The most common viral infection causing CAP was influenza viruses (12.2%). Earlier studies had named influenza virus as the best example of primary viral pneumonia [38]. Comparable rates were documented in the same age group by more recent studies [39, 40]. RSV was less reported in our study (4.4%) compared to other studies as we excluded children with bronchiolitis. Evidence of viral and bacterial coinfection was detected in four cases. However, the lack of viral isolation or antigen detection assays in the study halted the determination of the exact pathogenesis whether these were concomitant or secondary bacterial infections.

Interestingly, Pseudomonas aeruginosa, an uncommon cause of CAP [41], was isolated from a patient who had serological evidence of M. pneumoniae infection. It should be mentioned that the patient presented in bad general condition that necessitated admission to the intensive care unit and mechanical ventilation.

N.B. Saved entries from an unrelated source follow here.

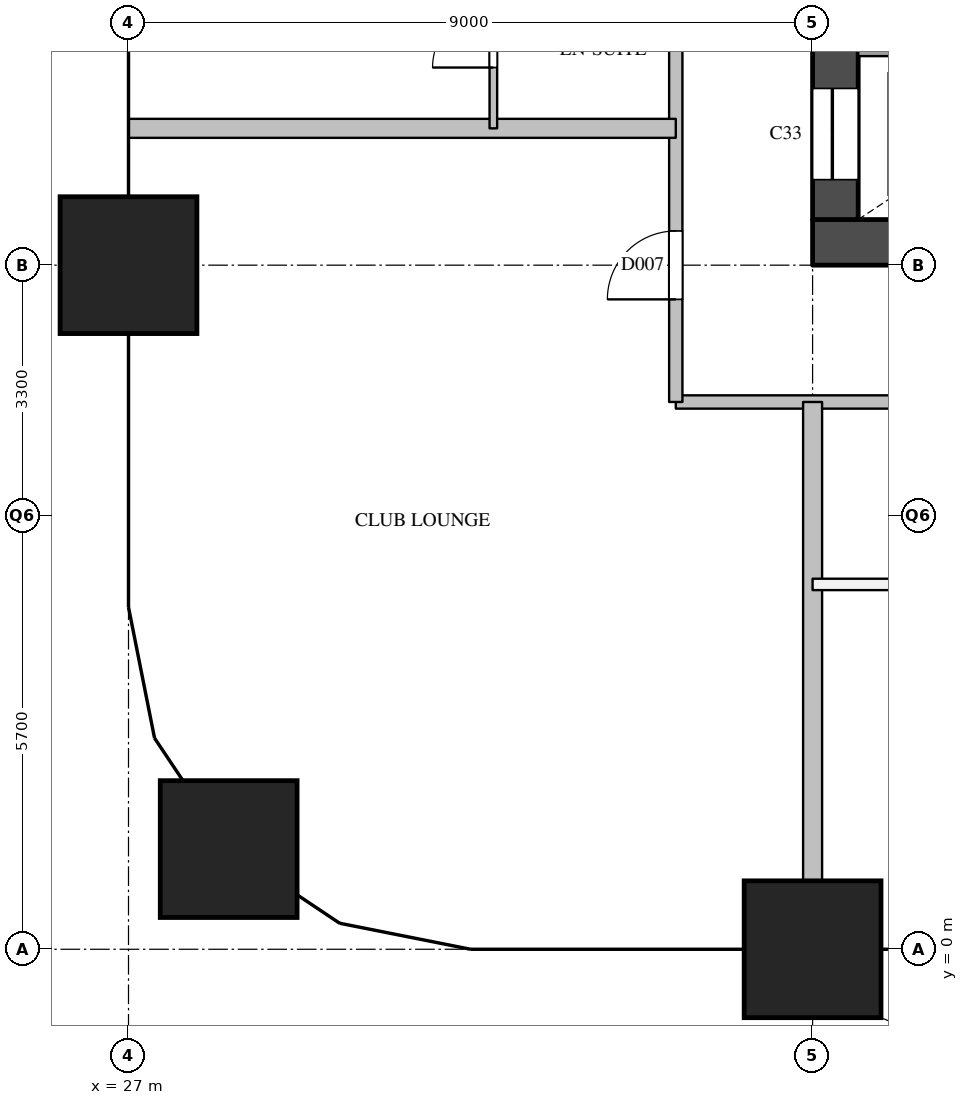
"""IFC4 building model, lengths in metres.
Left out: names, types, materials, properties, quantities, classifications, styles, units other than length and angle.
Written with IfcOpenShell. Run it as: python <this file> out.ifc"""

import sys

from ifc_helpers import new_model, si_unit, direction, frame, frame_2d, origin, origin_2d, place, context, subcontext, project, spatial, rectangle, extrude, element, fill, save


model = new_model("IFC4")
c1 = context("Model", 3, precision=1e-05, world=origin(), true_north=direction((0.0, 1.0)))
c2 = subcontext(c1, "Body", "Model", "MODEL_VIEW")
j1 = project(units=[si_unit("LENGTHUNIT", "METRE"), si_unit("PLANEANGLEUNIT", "RADIAN")], contexts=[c1])
p1 = place(None, origin())
s1 = spatial("IfcSite", under=j1, at=p1, CompositionType="ELEMENT")
p2 = place(p1, origin())
s2 = spatial("IfcBuilding", under=s1, at=p2, CompositionType="ELEMENT")
p3 = place(p2, frame((0.0, 0.0, 112.0)))
s3 = spatial("IfcBuildingStorey", under=s2, at=p3, CompositionType="ELEMENT", Elevation=112.0)
for number, where, z_axis, x_axis in (
    (1, (28.318, 1.318, 0.0), (0.0, 0.0, 1.0), (1.0, 0.0, 0.0)),
    (2, (27.0, 9.0, 0.0), (0.0, 0.0, 1.0), (1.0, 0.0, 0.0)),
    (3, (36.0, 0.0, 0.0), (0.0, 0.0, 1.0), (1.0, 0.0, 0.0)),
):
    element("IfcColumn", number, at=place(p3, frame(where, z_axis=z_axis, x_axis=x_axis)), inside=s3, PredefinedType="COLUMN", context=c2, shape_type="SweptSolid", body=[
        extrude(rectangle(XDim=1.8, YDim=1.8, at=origin_2d()), origin(), (0.0, 0.0, 1.0), 3.8),
    ])
p4 = place(p3, frame((36.0, 9.3, 0.0), z_axis=(0.0, 0.0, 1.0), x_axis=(1.0, 0.0, 0.0)))
e4 = element("IfcWall", 4, at=p4, inside=s3, PredefinedType="SHEAR", context=c2, shape_type="SweptSolid", body=[
    extrude(rectangle(XDim=9.0, YDim=0.6, at=frame_2d((4.5, 0.0))), origin(), (0.0, 0.0, 1.0), 3.5),
])
p5 = place(p3, frame((36.3, 9.6, 0.0), z_axis=(0.0, 0.0, 1.0), x_axis=(0.0, 1.0, 0.0)))
e5 = element("IfcWall", 5, at=p5, inside=s3, PredefinedType="SHEAR", context=c2, shape_type="SweptSolid", body=[
    extrude(rectangle(XDim=12.3, YDim=0.6, at=frame_2d((6.15, 0.0))), origin(), (0.0, 0.0, 1.0), 3.5),
])
p6 = place(p5, frame((0.525, 0.0, 0.0)))
e6 = element("IfcOpeningElement", 6, at=p6, cuts=e5, PredefinedType="OPENING", context=c2, shape_type="SweptSolid", body=[
    extrude(rectangle(XDim=1.2, YDim=2.1, at=frame_2d((0.6, 1.05))), frame((0.0, 0.31, 0.0), z_axis=(0.0, -1.0, 0.0), x_axis=(1.0, 0.0, 0.0)), (0.0, 0.0, 1.0), 0.62),
])
p7 = place(p5, frame((4.8, 0.0, 0.0)))
e7 = element("IfcOpeningElement", 7, at=p7, cuts=e5, PredefinedType="OPENING", context=c2, shape_type="SweptSolid", body=[
    extrude(rectangle(XDim=1.0, YDim=2.1, at=frame_2d((0.5, 1.05))), frame((0.0, 0.31, 0.0), z_axis=(0.0, -1.0, 0.0), x_axis=(1.0, 0.0, 0.0)), (0.0, 0.0, 1.0), 0.62),
])
p8 = place(p3, frame((36.6, 11.85, 0.0), z_axis=(0.0, 0.0, 1.0), x_axis=(1.0, 0.0, 0.0)))
e8 = element("IfcWall", 8, at=p8, inside=s3, PredefinedType="SOLIDWALL", context=c2, shape_type="SweptSolid", body=[
    extrude(rectangle(XDim=7.8, YDim=0.2, at=frame_2d((3.9, 0.0))), origin(), (0.0, 0.0, 1.0), 3.5),
])
p9 = place(p3, frame((34.2, 7.2, 0.0), z_axis=(0.0, 0.0, 1.0), x_axis=(1.0, 0.0, 0.0)))
e9 = element("IfcWall", 9, at=p9, inside=s3, PredefinedType="PARTITIONING", context=c2, shape_type="SweptSolid", body=[
    extrude(rectangle(XDim=12.6, YDim=0.175, at=frame_2d((6.3, 0.0))), origin(), (0.0, 0.0, 1.0), 3.5),
])
p10 = place(p9, frame((3.7, 0.0, 0.0)))
e10 = element("IfcOpeningElement", 10, at=p10, cuts=e9, PredefinedType="OPENING", context=c2, shape_type="SweptSolid", body=[
    extrude(rectangle(XDim=1.0, YDim=2.1, at=frame_2d((0.5, 1.05))), frame((0.0, 0.097, 0.0), z_axis=(0.0, -1.0, 0.0), x_axis=(1.0, 0.0, 0.0)), (0.0, 0.0, 1.0), 0.195),
])
p11 = place(p9, frame((10.3, 0.0, 0.0)))
e11 = element("IfcOpeningElement", 11, at=p11, cuts=e9, PredefinedType="OPENING", context=c2, shape_type="SweptSolid", body=[
    extrude(rectangle(XDim=1.0, YDim=2.1, at=frame_2d((0.5, 1.05))), frame((0.0, 0.097, 0.0), z_axis=(0.0, -1.0, 0.0), x_axis=(1.0, 0.0, 0.0)), (0.0, 0.0, 1.0), 0.195),
])
p12 = place(p3, frame((34.2, 7.2, 0.0), z_axis=(0.0, 0.0, 1.0), x_axis=(0.0, 1.0, 0.0)))
e12 = element("IfcWall", 12, at=p12, inside=s3, PredefinedType="PARTITIONING", context=c2, shape_type="SweptSolid", body=[
    extrude(rectangle(XDim=16.49, YDim=0.175, at=frame_2d((8.245, 0.0))), origin(), (0.0, 0.0, 1.0), 3.5),
])
p13 = place(p12, frame((1.35, 0.0, 0.0)))
e13 = element("IfcOpeningElement", 13, at=p13, cuts=e12, PredefinedType="OPENING", context=c2, shape_type="SweptSolid", body=[
    extrude(rectangle(XDim=0.9, YDim=2.1, at=frame_2d((0.45, 1.05))), frame((0.0, 0.097, 0.0), z_axis=(0.0, -1.0, 0.0), x_axis=(1.0, 0.0, 0.0)), (0.0, 0.0, 1.0), 0.195),
])
p14 = place(p12, frame((7.9, 0.0, 0.0)))
e14 = element("IfcOpeningElement", 14, at=p14, cuts=e12, PredefinedType="OPENING", context=c2, shape_type="SweptSolid", body=[
    extrude(rectangle(XDim=1.0, YDim=2.1, at=frame_2d((0.5, 1.05))), frame((0.0, 0.097, 0.0), z_axis=(0.0, -1.0, 0.0), x_axis=(1.0, 0.0, 0.0)), (0.0, 0.0, 1.0), 0.195),
])
p15 = place(p12, frame((14.345, 0.0, 0.0)))
e15 = element("IfcOpeningElement", 15, at=p15, cuts=e12, PredefinedType="OPENING", context=c2, shape_type="SweptSolid", body=[
    extrude(rectangle(XDim=1.0, YDim=2.1, at=frame_2d((0.5, 1.05))), frame((0.0, 0.097, 0.0), z_axis=(0.0, -1.0, 0.0), x_axis=(1.0, 0.0, 0.0)), (0.0, 0.0, 1.0), 0.195),
])
p16 = place(p3, frame((36.0, 4.8, 0.0), z_axis=(0.0, 0.0, 1.0), x_axis=(1.0, 0.0, 0.0)))
e16 = element("IfcWall", 16, at=p16, inside=s3, PredefinedType="PARTITIONING", context=c2, shape_type="SweptSolid", body=[
    extrude(rectangle(XDim=4.8, YDim=0.15, at=frame_2d((2.4, 0.0))), origin(), (0.0, 0.0, 1.0), 3.5),
])
p17 = place(p16, frame((1.95, 0.0, 0.0)))
e17 = element("IfcOpeningElement", 17, at=p17, cuts=e16, PredefinedType="OPENING", context=c2, shape_type="SweptSolid", body=[
    extrude(rectangle(XDim=0.9, YDim=2.1, at=frame_2d((0.45, 1.05))), frame((0.0, 0.085, 0.0), z_axis=(0.0, -1.0, 0.0), x_axis=(1.0, 0.0, 0.0)), (0.0, 0.0, 1.0), 0.17),
])
p18 = place(p3, frame((27.0, 10.8, 0.0), z_axis=(0.0, 0.0, 1.0), x_axis=(1.0, 0.0, 0.0)))
e18 = element("IfcWall", 18, at=p18, inside=s3, PredefinedType="PARTITIONING", context=c2, shape_type="SweptSolid", body=[
    extrude(rectangle(XDim=7.2, YDim=0.25, at=frame_2d((3.6, 0.0))), origin(), (0.0, 0.0, 1.0), 2.5),
])
p19 = place(p3, frame((36.0, 0.0, 0.0), z_axis=(0.0, 0.0, 1.0), x_axis=(0.0, 1.0, 0.0)))
e19 = element("IfcWall", 19, at=p19, inside=s3, PredefinedType="PARTITIONING", context=c2, shape_type="SweptSolid", body=[
    extrude(rectangle(XDim=7.2, YDim=0.25, at=frame_2d((3.6, 0.0))), origin(), (0.0, 0.0, 1.0), 3.5),
])
p20 = place(p3, frame((31.8, 10.8, 0.0), z_axis=(0.0, 0.0, 1.0), x_axis=(0.0, 1.0, 0.0)))
e20 = element("IfcWall", 20, at=p20, inside=s3, PredefinedType="PARTITIONING", context=c2, shape_type="SweptSolid", body=[
    extrude(rectangle(XDim=2.4, YDim=0.1, at=frame_2d((1.2, 0.0))), origin(), (0.0, 0.0, 1.0), 3.5),
])
p21 = place(p20, frame((0.8, 0.0, 0.0)))
e21 = element("IfcOpeningElement", 21, at=p21, cuts=e20, PredefinedType="OPENING", context=c2, shape_type="SweptSolid", body=[
    extrude(rectangle(XDim=0.8, YDim=2.1, at=frame_2d((0.4, 1.05))), frame((0.0, 0.06, 0.0), z_axis=(0.0, -1.0, 0.0), x_axis=(1.0, 0.0, 0.0)), (0.0, 0.0, 1.0), 0.12),
])
p22 = place(p6, origin())
e22 = element("IfcDoor", 22, at=p22, inside=s3, OperationType="SLIDING_TO_LEFT", PredefinedType="DOOR", context=c2, shape_type="SweptSolid", body=[
    extrude(rectangle(XDim=1.2, YDim=2.1, at=frame_2d((0.6, 1.05))), frame((0.0, 0.025, 0.0), z_axis=(0.0, -1.0, 0.0), x_axis=(1.0, 0.0, 0.0)), (0.0, 0.0, 1.0), 0.05),
])
fill(e6, e22)
p23 = place(p13, origin())
e23 = element("IfcDoor", 23, at=p23, inside=s3, OperationType="SINGLE_SWING_LEFT", PredefinedType="DOOR", context=c2, shape_type="SweptSolid", body=[
    extrude(rectangle(XDim=0.9, YDim=2.1, at=frame_2d((0.45, 1.05))), frame((0.0, 0.025, 0.0), z_axis=(0.0, -1.0, 0.0), x_axis=(1.0, 0.0, 0.0)), (0.0, 0.0, 1.0), 0.05),
])
fill(e13, e23)
p24 = place(p21, origin())
e24 = element("IfcDoor", 24, at=p24, inside=s3, OperationType="SINGLE_SWING_LEFT", PredefinedType="DOOR", context=c2, shape_type="SweptSolid", body=[
    extrude(rectangle(XDim=0.8, YDim=2.1, at=frame_2d((0.4, 1.05))), frame((0.0, 0.025, 0.0), z_axis=(0.0, -1.0, 0.0), x_axis=(1.0, 0.0, 0.0)), (0.0, 0.0, 1.0), 0.05),
])
fill(e21, e24)
save(model, sys.argv[1])

Supporting previous reports, we found that clinical manifestations, and laboratory and radiographic findings are poor indicators of the underlying etiology in childhood pneumonia [35]. Except for the severe respiratory distress that was significantly higher in patients with identified causative agent and also in patients with mixed infections when compared to other groups, all other clinical manifestations did not show association of significant importance in this study. Even the historical clinical differentiation between typical bacterial pneumonia and atypical pneumonia had been shown as an inaccurate reflection for the etiology [42]. Coinciding with Elemraid et al. [43], we found neutrophilia more significant in patients with nonviral etiology.

Limitation

There are some limitations in this study that should be noted, including the relatively small-sized sample that was restricted to hospital admitted patients. Wider scale studies that include ambulatory patients are needed to provide more information about the etiological agents implicated in the disease. Microbiological techniques used in the study were limited to conventional bacteriological identification methods and serological assay against most common respiratory pathogens. Yet, more diagnostic modalities as PCR and viral antigen detection could aid in identifying more etiologic agents.

Conclusion

S. aureus, M. pneumoniae, and influenza viruses were the most detected causative agents identified in the study. Local therapeutic and prevention guidelines for CAP should have special focus on these agents. Clinical manifestations and radiologic findings could not be relied upon to differentiate between bacterial and viral pneumonia, which necessitate the adoption of rapid feasible microbiologic diagnostic technique to aid in the diagnosis and management of hospitalized patients.

Funding Statement

Funding sources The authors have no funding to report.